UPPER WEST SIDE (WABC) -- A building super made an intriguing discovery while cleaning out the basement of an Upper West Side building.
The super came across a can containing the remains of Willy Ley, who passed away in 1969.
An internet search revealed Ley was a science writer credited with introducing the idea of space travel to the American public.
So, how did his remains end up in a basement on the Upper West Side?
Michael Hrdlovic describes the basement at 2 West 67th Street as 'the dungeon.'
He finally decided to clean it out at the end of last year and that's when he made the unusual discovery.
"I saw a can. And I studied a little closely. And then I realized these are ashes of a person," Hrdlovic said.
He immediately notified the co-op president, Dawn Nadeau.
"I had to see it for myself. I said, are you sure? And we looked at it as like, oh, my God. And I thought, wow, this is a responsibility I have to take on," Nadeau said.
The name on the label said Willy Ley, cremated on June 26, 1969.
Nadeau learned that Ley was a pretty impressive man, a science writer who predicted space travel.
He died just days before Neil Armstrong walked on the moon.
"As we all know people are going into space now regularly and it was something that he posited that people thought was true insanity at the time but turned out to be really ahead of his time," Nadeau said.
"It was an amazing discovery because essentially I held somebody's life in my in my hands. You know, let alone somebody so famous and somebody a pioneer, if you will," Hrdlovic said.
But how Ley ended up in the basement of a prewar building on the Upper West Side remains a mystery.
He has no immediate survivors except a distant relative in Mississippi.
"My paternal grandfather, Hugo Ley, was Willy's cousin," distant relative Dr. Phillip Ley said.
Dr. Ley was heartened to learn that the goal is now to get Willy's ashes to space.
"I mean, I don't want his ashes up on my fireplace mantle. I think they need to be in space or at the museum or all those places. They need to be everywhere. I mean, that that would be the natural extension of his life is to is to be in all those places," Dr.

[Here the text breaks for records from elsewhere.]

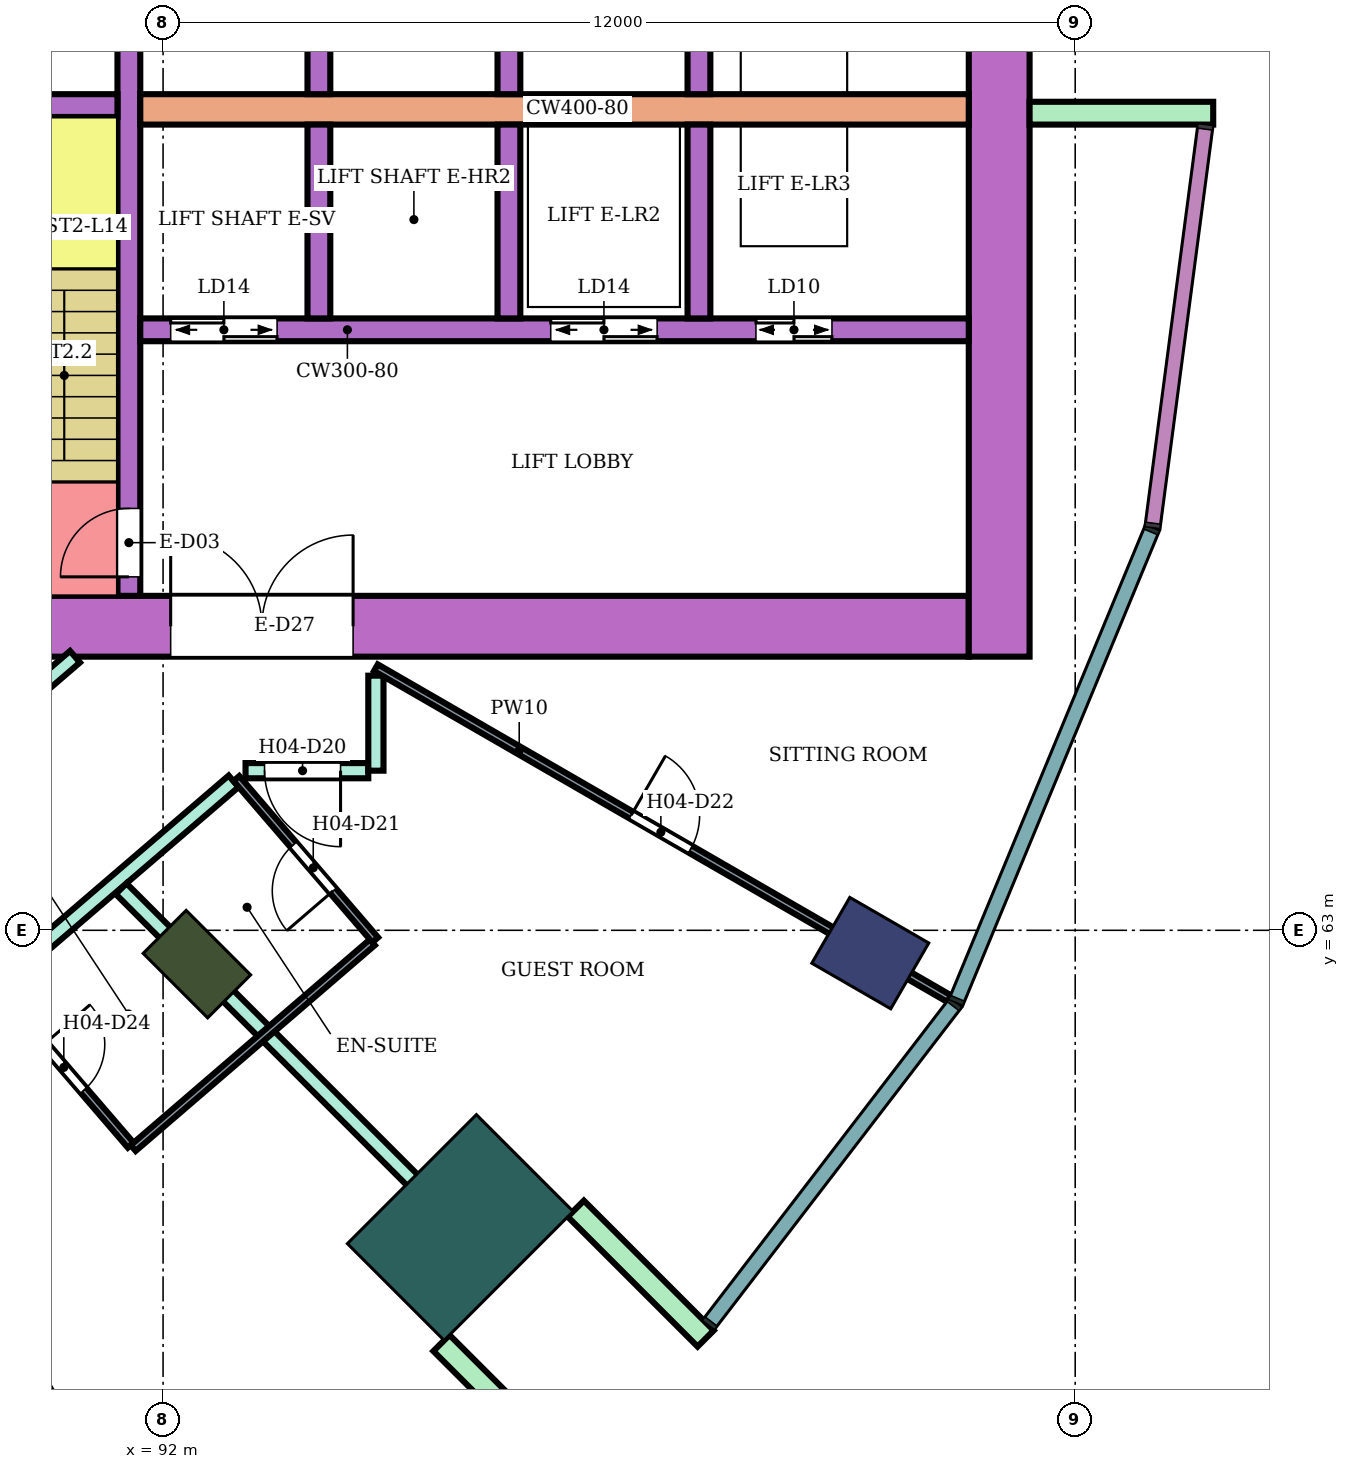
"""IFC4 building model, lengths in metres.
Left out: names, types, materials, properties, quantities, classifications, styles, units other than length and angle.
Written with IfcOpenShell. Run it as: python <this file> out.ifc"""

import sys

from ifc_helpers import new_model, si_unit, direction, frame, frame_2d, origin, origin_2d, place, context, subcontext, project, spatial, rectangle, extrude, element, fill, save


model = new_model("IFC4")
c1 = context("Model", 3, precision=1e-05, world=origin(), true_north=direction((0.0, 1.0)))
c2 = subcontext(c1, "Body", "Model", "MODEL_VIEW")
j1 = project(units=[si_unit("LENGTHUNIT", "METRE"), si_unit("PLANEANGLEUNIT", "RADIAN")], contexts=[c1])
p1 = place(None, origin())
s1 = spatial("IfcSite", under=j1, at=p1, CompositionType="ELEMENT")
p2 = place(p1, origin())
s2 = spatial("IfcBuilding", under=s1, at=p2, CompositionType="ELEMENT")
p3 = place(p2, frame((0.0, 0.0, 63.0)))
s3 = spatial("IfcBuildingStorey", under=s2, at=p3, CompositionType="ELEMENT", Elevation=63.0)
p4 = place(p3, frame((101.304, 62.7, 0.0), z_axis=(0.0, 0.0, 1.0), x_axis=(0.866025403784, -0.5, 0.0)))
e1 = element("IfcColumn", 1, at=p4, inside=s3, PredefinedType="COLUMN", context=c2, shape_type="SweptSolid", body=[
    extrude(rectangle(XDim=1.2, YDim=1.0, at=origin_2d()), origin(), (0.0, 0.0, 1.0), 3.8),
])
p5 = place(p3, frame((92.445, 62.555, 0.0), z_axis=(0.0, 0.0, 1.0), x_axis=(0.707106781187, -0.707106781187, 0.0)))
e2 = element("IfcColumn", 2, at=p5, inside=s3, PredefinedType="COLUMN", context=c2, shape_type="SweptSolid", body=[
    extrude(rectangle(XDim=1.2, YDim=0.8, at=origin_2d()), origin(), (0.0, 0.0, 1.0), 3.8),
])
p6 = place(p3, frame((95.91, 59.09, 0.0), z_axis=(0.0, 0.0, 1.0), x_axis=(0.707106781187, -0.707106781187, 0.0)))
e3 = element("IfcColumn", 3, at=p6, inside=s3, PredefinedType="COLUMN", context=c2, shape_type="SweptSolid", body=[
    extrude(rectangle(XDim=1.8, YDim=2.4, at=origin_2d()), origin(), (0.0, 0.0, 1.0), 3.8),
])
p7 = place(p3, frame((87.9, 67.0, 0.0), z_axis=(0.0, 0.0, 1.0), x_axis=(1.0, 0.0, 0.0)))
e4 = element("IfcWall", 4, at=p7, inside=s3, PredefinedType="SHEAR", context=c2, shape_type="SweptSolid", body=[
    extrude(rectangle(XDim=14.7, YDim=0.8, at=frame_2d((7.35, 0.0))), origin(), (0.0, 0.0, 1.0), 3.48),
])
p8 = place(p7, frame((4.2, 0.0, 0.0)))
e5 = element("IfcOpeningElement", 5, at=p8, cuts=e4, PredefinedType="OPENING", context=c2, shape_type="SweptSolid", body=[
    extrude(rectangle(XDim=2.4, YDim=2.4, at=frame_2d((1.2, 1.2))), frame((0.0, 0.41, 0.0), z_axis=(0.0, -1.0, 0.0), x_axis=(1.0, 0.0, 0.0)), (0.0, 0.0, 1.0), 0.82),
])
p9 = place(p3, frame((103.0, 66.6, 0.0), z_axis=(0.0, 0.0, 1.0), x_axis=(0.0, 1.0, 0.0)))
e6 = element("IfcWall", 6, at=p9, inside=s3, PredefinedType="SHEAR", context=c2, shape_type="SweptSolid", body=[
    extrude(rectangle(XDim=16.8, YDim=0.8, at=frame_2d((8.4, 0.0))), origin(), (0.0, 0.0, 1.0), 3.48),
])
p10 = place(p3, frame((91.55, 67.4, 0.0), z_axis=(0.0, 0.0, 1.0), x_axis=(0.0, 1.0, 0.0)))
e7 = element("IfcWall", 7, at=p10, inside=s3, PredefinedType="SHEAR", context=c2, shape_type="SweptSolid", body=[
    extrude(rectangle(XDim=7.6, YDim=0.3, at=frame_2d((3.8, 0.0))), origin(), (0.0, 0.0, 1.0), 3.48),
])
p11 = place(p10, frame((0.25, 0.0, 0.0)))
e8 = element("IfcOpeningElement", 8, at=p11, cuts=e7, PredefinedType="OPENING", context=c2, shape_type="SweptSolid", body=[
    extrude(rectangle(XDim=0.9, YDim=2.1, at=frame_2d((0.45, 1.05))), frame((0.0, 0.16, 0.0), z_axis=(0.0, -1.0, 0.0), x_axis=(1.0, 0.0, 0.0)), (0.0, 0.0, 1.0), 0.32),
])
p12 = place(p3, frame((88.35, 73.85, 0.0), z_axis=(0.0, 0.0, 1.0), x_axis=(1.0, 0.0, 0.0)))
e9 = element("IfcWall", 9, at=p12, inside=s3, PredefinedType="SHEAR", context=c2, shape_type="SweptSolid", body=[
    extrude(rectangle(XDim=3.05, YDim=0.3, at=frame_2d((1.525, 0.0))), origin(), (0.0, 0.0, 1.0), 3.48),
])
p13 = place(p3, frame((91.7, 73.8, 0.0), z_axis=(0.0, 0.0, 1.0), x_axis=(1.0, 0.0, 0.0)))
e10 = element("IfcWall", 10, at=p13, inside=s3, PredefinedType="SHEAR", context=c2, shape_type="SweptSolid", body=[
    extrude(rectangle(XDim=10.9, YDim=0.4, at=frame_2d((5.45, 0.0))), origin(), (0.0, 0.0, 1.0), 3.48),
])
p14 = place(p3, frame((91.7, 70.9, 0.0), z_axis=(0.0, 0.0, 1.0), x_axis=(1.0, 0.0, 0.0)))
e11 = element("IfcWall", 11, at=p14, inside=s3, PredefinedType="SHEAR", context=c2, shape_type="SweptSolid", body=[
    extrude(rectangle(XDim=10.9, YDim=0.3, at=frame_2d((5.45, 0.0))), origin(), (0.0, 0.0, 1.0), 3.48),
])
p15 = place(p14, frame((0.4, 0.0, 0.0)))
e12 = element("IfcOpeningElement", 12, at=p15, cuts=e11, PredefinedType="OPENING", context=c2, shape_type="SweptSolid", body=[
    extrude(rectangle(XDim=1.4, YDim=2.1, at=frame_2d((0.7, 1.05))), frame((0.0, 0.16, 0.0), z_axis=(0.0, -1.0, 0.0), x_axis=(1.0, 0.0, 0.0)), (0.0, 0.0, 1.0), 0.32),
])
p16 = place(p14, frame((5.4, 0.0, 0.0)))
e13 = element("IfcOpeningElement", 13, at=p16, cuts=e11, PredefinedType="OPENING", context=c2, shape_type="SweptSolid", body=[
    extrude(rectangle(XDim=1.4, YDim=2.1, at=frame_2d((0.7, 1.05))), frame((0.0, 0.16, 0.0), z_axis=(0.0, -1.0, 0.0), x_axis=(1.0, 0.0, 0.0)), (0.0, 0.0, 1.0), 0.32),
])
p17 = place(p14, frame((8.1, 0.0, 0.0)))
e14 = element("IfcOpeningElement", 14, at=p17, cuts=e11, PredefinedType="OPENING", context=c2, shape_type="SweptSolid", body=[
    extrude(rectangle(XDim=1.0, YDim=2.1, at=frame_2d((0.5, 1.05))), frame((0.0, 0.16, 0.0), z_axis=(0.0, -1.0, 0.0), x_axis=(1.0, 0.0, 0.0)), (0.0, 0.0, 1.0), 0.32),
])
for number, where, z_axis, x_axis in (
    (15, (94.05, 74.0, 0.0), (0.0, 0.0, 1.0), (0.0, 1.0, 0.0)),
    (16, (96.55, 74.0, 0.0), (0.0, 0.0, 1.0), (0.0, 1.0, 0.0)),
    (17, (99.05, 74.0, 0.0), (0.0, 0.0, 1.0), (0.0, 1.0, 0.0)),
    (18, (94.05, 71.05, 0.0), (0.0, 0.0, 1.0), (0.0, 1.0, 0.0)),
    (19, (96.55, 71.05, 0.0), (0.0, 0.0, 1.0), (0.0, 1.0, 0.0)),
    (20, (99.05, 71.05, 0.0), (0.0, 0.0, 1.0), (0.0, 1.0, 0.0)),
):
    element("IfcWall", number, at=place(p3, frame(where, z_axis=z_axis, x_axis=x_axis)), inside=s3, PredefinedType="SHEAR", context=c2, shape_type="SweptSolid", body=[
        extrude(rectangle(XDim=2.55, YDim=0.3, at=frame_2d((1.275, 0.0))), origin(), (0.0, 0.0, 1.0), 3.48),
    ])
for number, where, z_axis, x_axis in (
    (21, (103.4, 73.75, 0.0), (0.0, 0.0, 1.0), (1.0, 0.0, 0.0)),
    (22, (95.662, 57.57, 0.0), (0.0, 0.0, 1.0), (0.707, -0.707, 0.0)),
    (23, (97.43, 59.338, 0.0), (0.0, 0.0, 1.0), (0.707, -0.707, 0.0)),
):
    element("IfcWall", number, at=place(p3, frame(where, z_axis=z_axis, x_axis=x_axis)), inside=s3, PredefinedType="NOTDEFINED", context=c2, shape_type="SweptSolid", body=[
        extrude(rectangle(XDim=2.416, YDim=0.3, at=frame_2d((1.208, 0.0))), origin(), (0.0, 0.0, 1.0), 3.8),
    ])
p18 = place(p3, frame((86.877, 63.189, 0.0), z_axis=(0.0, 0.0, 1.0), x_axis=(0.758088707506, 0.652151448325, 0.0)))
e24 = element("IfcWall", 24, at=p18, inside=s3, PredefinedType="PARTITIONING", context=c2, shape_type="SweptSolid", body=[
    extrude(rectangle(XDim=5.229, YDim=0.2, at=frame_2d((2.615, 0.0))), origin(), (0.0, 0.0, 1.0), 3.35),
])
p19 = place(p3, frame((88.235, 60.931, 0.0), z_axis=(0.0, 0.0, 1.0), x_axis=(0.758799498714, 0.651324282329, 0.0)))
e25 = element("IfcWall", 25, at=p19, inside=s3, PredefinedType="PARTITIONING", context=c2, shape_type="SweptSolid", body=[
    extrude(rectangle(XDim=6.186, YDim=0.2, at=frame_2d((3.093, 0.0))), origin(), (0.0, 0.0, 1.0), 3.35),
])
p20 = place(p19, frame((0.43, 0.0, 0.0)))
e26 = element("IfcOpeningElement", 26, at=p20, cuts=e25, PredefinedType="OPENING", context=c2, shape_type="SweptSolid", body=[
    extrude(rectangle(XDim=1.0, YDim=2.1, at=frame_2d((0.5, 1.05))), frame((0.0, 0.11, 0.0), z_axis=(0.0, -1.0, 0.0), x_axis=(1.0, 0.0, 0.0)), (0.0, 0.0, 1.0), 0.22),
])
p21 = place(p3, frame((88.159, 60.863, 0.0), z_axis=(0.0, 0.0, 1.0), x_axis=(0.499935840196, -0.866062443296, 0.0)))
e27 = element("IfcWall", 27, at=p21, inside=s3, PredefinedType="PARTITIONING", context=c2, shape_type="SweptSolid", body=[
    extrude(rectangle(XDim=9.475, YDim=0.2, at=frame_2d((4.737, 0.0))), origin(), (0.0, 0.0, 1.0), 3.35),
])
p22 = place(p3, frame((91.448, 63.547, 0.0), z_axis=(0.0, 0.0, 1.0), x_axis=(0.706984810649, -0.707228730688, 0.0)))
e28 = element("IfcWall", 28, at=p22, inside=s3, PredefinedType="PARTITIONING", context=c2, shape_type="SweptSolid", body=[
    extrude(rectangle(XDim=7.006, YDim=0.2, at=frame_2d((3.503, 0.0))), origin(), (0.0, 0.0, 1.0), 3.35),
])
p23 = place(p3, frame((93.085, 65.1, 0.0), z_axis=(0.0, 0.0, 1.0), x_axis=(1.0, 0.0, 0.0)))
e29 = element("IfcWall", 29, at=p23, inside=s3, PredefinedType="PARTITIONING", context=c2, shape_type="SweptSolid", body=[
    extrude(rectangle(XDim=1.615, YDim=0.2, at=frame_2d((0.808, 0.0))), origin(), (0.0, 0.0, 1.0), 3.35),
])
p24 = place(p23, frame((0.25, 0.0, 0.0)))
e30 = element("IfcOpeningElement", 30, at=p24, cuts=e29, PredefinedType="OPENING", context=c2, shape_type="SweptSolid", body=[
    extrude(rectangle(XDim=1.0, YDim=2.1, at=frame_2d((0.5, 1.05))), frame((0.0, 0.11, 0.0), z_axis=(0.0, -1.0, 0.0), x_axis=(1.0, 0.0, 0.0)), (0.0, 0.0, 1.0), 0.22),
])
p25 = place(p3, frame((94.8, 65.1, 0.0), z_axis=(0.0, 0.0, 1.0), x_axis=(0.0, 1.0, 0.0)))
e31 = element("IfcWall", 31, at=p25, inside=s3, PredefinedType="PARTITIONING", context=c2, shape_type="SweptSolid", body=[
    extrude(rectangle(XDim=1.25, YDim=0.2, at=frame_2d((0.625, 0.0))), origin(), (0.0, 0.0, 1.0), 3.35),
])
p26 = place(p3, frame((89.846, 62.182, 0.0), z_axis=(0.0, 0.0, 1.0), x_axis=(0.652095405055, -0.758136915541, 0.0)))
e32 = element("IfcWall", 32, at=p26, inside=s3, PredefinedType="PARTITIONING", context=c2, shape_type="SweptSolid", body=[
    extrude(rectangle(XDim=2.65, YDim=0.1, at=frame_2d((1.325, 0.0))), origin(), (0.0, 0.0, 1.0), 3.35),
])
p27 = place(p26, frame((0.9, 0.0, 0.0)))
e33 = element("IfcOpeningElement", 33, at=p27, cuts=e32, PredefinedType="OPENING", context=c2, shape_type="SweptSolid", body=[
    extrude(rectangle(XDim=0.8, YDim=2.1, at=frame_2d((0.4, 1.05))), frame((0.0, 0.06, 0.0), z_axis=(0.0, -1.0, 0.0), x_axis=(1.0, 0.0, 0.0)), (0.0, 0.0, 1.0), 0.12),
])
p28 = place(p3, frame((91.607, 60.135, 0.0), z_axis=(0.0, 0.0, 1.0), x_axis=(0.758121792225, 0.65211298726, 0.0)))
e34 = element("IfcWall", 34, at=p28, inside=s3, PredefinedType="PARTITIONING", context=c2, shape_type="SweptSolid", body=[
    extrude(rectangle(XDim=4.15, YDim=0.1, at=frame_2d((2.075, 0.0))), origin(), (0.0, 0.0, 1.0), 3.35),
])
p29 = place(p3, frame((92.965, 64.997, 0.0), z_axis=(0.0, 0.0, 1.0), x_axis=(0.652104424393, -0.758129157655, 0.0)))
e35 = element("IfcWall", 35, at=p29, inside=s3, PredefinedType="PARTITIONING", context=c2, shape_type="SweptSolid", body=[
    extrude(rectangle(XDim=2.8, YDim=0.1, at=frame_2d((1.4, 0.0))), origin(), (0.0, 0.0, 1.0), 3.35),
])
p30 = place(p29, frame((1.15, 0.0, 0.0)))
e36 = element("IfcOpeningElement", 36, at=p30, cuts=e35, PredefinedType="OPENING", context=c2, shape_type="SweptSolid", body=[
    extrude(rectangle(XDim=0.8, YDim=2.1, at=frame_2d((0.4, 1.05))), frame((0.0, 0.06, 0.0), z_axis=(0.0, -1.0, 0.0), x_axis=(1.0, 0.0, 0.0)), (0.0, 0.0, 1.0), 0.12),
])
p31 = place(p3, frame((94.8, 66.455, 0.0), z_axis=(0.0, 0.0, 1.0), x_axis=(0.86602264145, -0.500004784474, 0.0)))
e37 = element("IfcWall", 37, at=p31, inside=s3, PredefinedType="PARTITIONING", context=c2, shape_type="SweptSolid", body=[
    extrude(rectangle(XDim=8.708, YDim=0.1, at=frame_2d((4.354, 0.0))), origin(), (0.0, 0.0, 1.0), 3.35),
])
p32 = place(p31, frame((3.879, 0.0, 0.0)))
e38 = element("IfcOpeningElement", 38, at=p32, cuts=e37, PredefinedType="OPENING", context=c2, shape_type="SweptSolid", body=[
    extrude(rectangle(XDim=0.9, YDim=2.1, at=frame_2d((0.45, 1.05))), frame((0.0, 0.06, 0.0), z_axis=(0.0, -1.0, 0.0), x_axis=(1.0, 0.0, 0.0)), (0.0, 0.0, 1.0), 0.12),
])
p33 = place(p24, frame((1.0, 0.0, 0.0), z_axis=(0.0, 0.0, 1.0), x_axis=(-1.0, 0.0, 0.0)))
e39 = element("IfcDoor", 39, at=p33, inside=s3, OperationType="SINGLE_SWING_LEFT", PredefinedType="DOOR", context=c2, shape_type="SweptSolid", body=[
    extrude(rectangle(XDim=1.0, YDim=2.1, at=frame_2d((0.5, 1.05))), frame((0.0, 0.025, 0.0), z_axis=(0.0, -1.0, 0.0), x_axis=(1.0, 0.0, 0.0)), (0.0, 0.0, 1.0), 0.05),
])
fill(e30, e39)
p34 = place(p30, frame((0.8, 0.0, 0.0), z_axis=(0.0, 0.0, 1.0), x_axis=(-1.0, 0.0, 0.0)))
e40 = element("IfcDoor", 40, at=p34, inside=s3, OperationType="SINGLE_SWING_LEFT", PredefinedType="DOOR", context=c2, shape_type="SweptSolid", body=[
    extrude(rectangle(XDim=0.8, YDim=2.1, at=frame_2d((0.4, 1.05))), frame((0.0, 0.025, 0.0), z_axis=(0.0, -1.0, 0.0), x_axis=(1.0, 0.0, 0.0)), (0.0, 0.0, 1.0), 0.05),
])
fill(e36, e40)
p35 = place(p32, origin())
e41 = element("IfcDoor", 41, at=p35, inside=s3, OperationType="SINGLE_SWING_LEFT", PredefinedType="DOOR", context=c2, shape_type="SweptSolid", body=[
    extrude(rectangle(XDim=0.9, YDim=2.1, at=frame_2d((0.45, 1.05))), frame((0.0, 0.025, 0.0), z_axis=(0.0, -1.0, 0.0), x_axis=(1.0, 0.0, 0.0)), (0.0, 0.0, 1.0), 0.05),
])
fill(e38, e41)
p36 = place(p27, origin())
e42 = element("IfcDoor", 42, at=p36, inside=s3, OperationType="SINGLE_SWING_LEFT", PredefinedType="DOOR", context=c2, shape_type="SweptSolid", body=[
    extrude(rectangle(XDim=0.8, YDim=2.1, at=frame_2d((0.4, 1.05))), frame((0.0, 0.025, 0.0), z_axis=(0.0, -1.0, 0.0), x_axis=(1.0, 0.0, 0.0)), (0.0, 0.0, 1.0), 0.05),
])
fill(e33, e42)
p37 = place(p11, origin())
e43 = element("IfcDoor", 43, at=p37, inside=s3, OperationType="SINGLE_SWING_LEFT", PredefinedType="DOOR", context=c2, shape_type="SweptSolid", body=[
    extrude(rectangle(XDim=0.9, YDim=2.1, at=frame_2d((0.45, 1.05))), frame((0.0, 0.025, 0.0), z_axis=(0.0, -1.0, 0.0), x_axis=(1.0, 0.0, 0.0)), (0.0, 0.0, 1.0), 0.05),
])
fill(e8, e43)
p38 = place(p15, origin())
e44 = element("IfcDoor", 44, at=p38, inside=s3, OperationType="DOUBLE_DOOR_SLIDING", PredefinedType="DOOR", context=c2, shape_type="SweptSolid", body=[
    extrude(rectangle(XDim=1.4, YDim=2.1, at=frame_2d((0.7, 1.05))), frame((0.0, 0.025, 0.0), z_axis=(0.0, -1.0, 0.0), x_axis=(1.0, 0.0, 0.0)), (0.0, 0.0, 1.0), 0.05),
])
fill(e12, e44)
p39 = place(p16, origin())
e45 = element("IfcDoor", 45, at=p39, inside=s3, OperationType="DOUBLE_DOOR_SLIDING", PredefinedType="DOOR", context=c2, shape_type="SweptSolid", body=[
    extrude(rectangle(XDim=1.4, YDim=2.1, at=frame_2d((0.7, 1.05))), frame((0.0, 0.025, 0.0), z_axis=(0.0, -1.0, 0.0), x_axis=(1.0, 0.0, 0.0)), (0.0, 0.0, 1.0), 0.05),
])
fill(e13, e45)
p40 = place(p17, origin())
e46 = element("IfcDoor", 46, at=p40, inside=s3, OperationType="DOUBLE_DOOR_SLIDING", PredefinedType="DOOR", context=c2, shape_type="SweptSolid", body=[
    extrude(rectangle(XDim=1.0, YDim=2.1, at=frame_2d((0.5, 1.05))), frame((0.0, 0.025, 0.0), z_axis=(0.0, -1.0, 0.0), x_axis=(1.0, 0.0, 0.0)), (0.0, 0.0, 1.0), 0.05),
])
fill(e14, e46)
p41 = place(p8, origin())
e47 = element("IfcDoor", 47, at=p41, inside=s3, OperationType="DOUBLE_DOOR_SINGLE_SWING", PredefinedType="DOOR", context=c2, shape_type="SweptSolid", body=[
    extrude(rectangle(XDim=2.4, YDim=2.4, at=frame_2d((1.2, 1.2))), frame((0.0, 0.025, 0.0), z_axis=(0.0, -1.0, 0.0), x_axis=(1.0, 0.0, 0.0)), (0.0, 0.0, 1.0), 0.05),
])
fill(e5, e47)
save(model, sys.argv[1])

Phillip Ley said.
There's even a crater on the moon named for Ley.
Thanks to the careful hands of this co-op, he could one day end up there.
In 1954, Walt Disney hired Ley as a consultant due to his imagination and creativity on rocket ships and space.
Ley even helped Walt Disney design space-themed rides at Disneyland.
From the TV series Disneyland, "Man in Space," released in 1955, which featured Ley, was the first of the Tomorrowland specials, looking at the history of rocketry and the many challenges of space exploration and travel.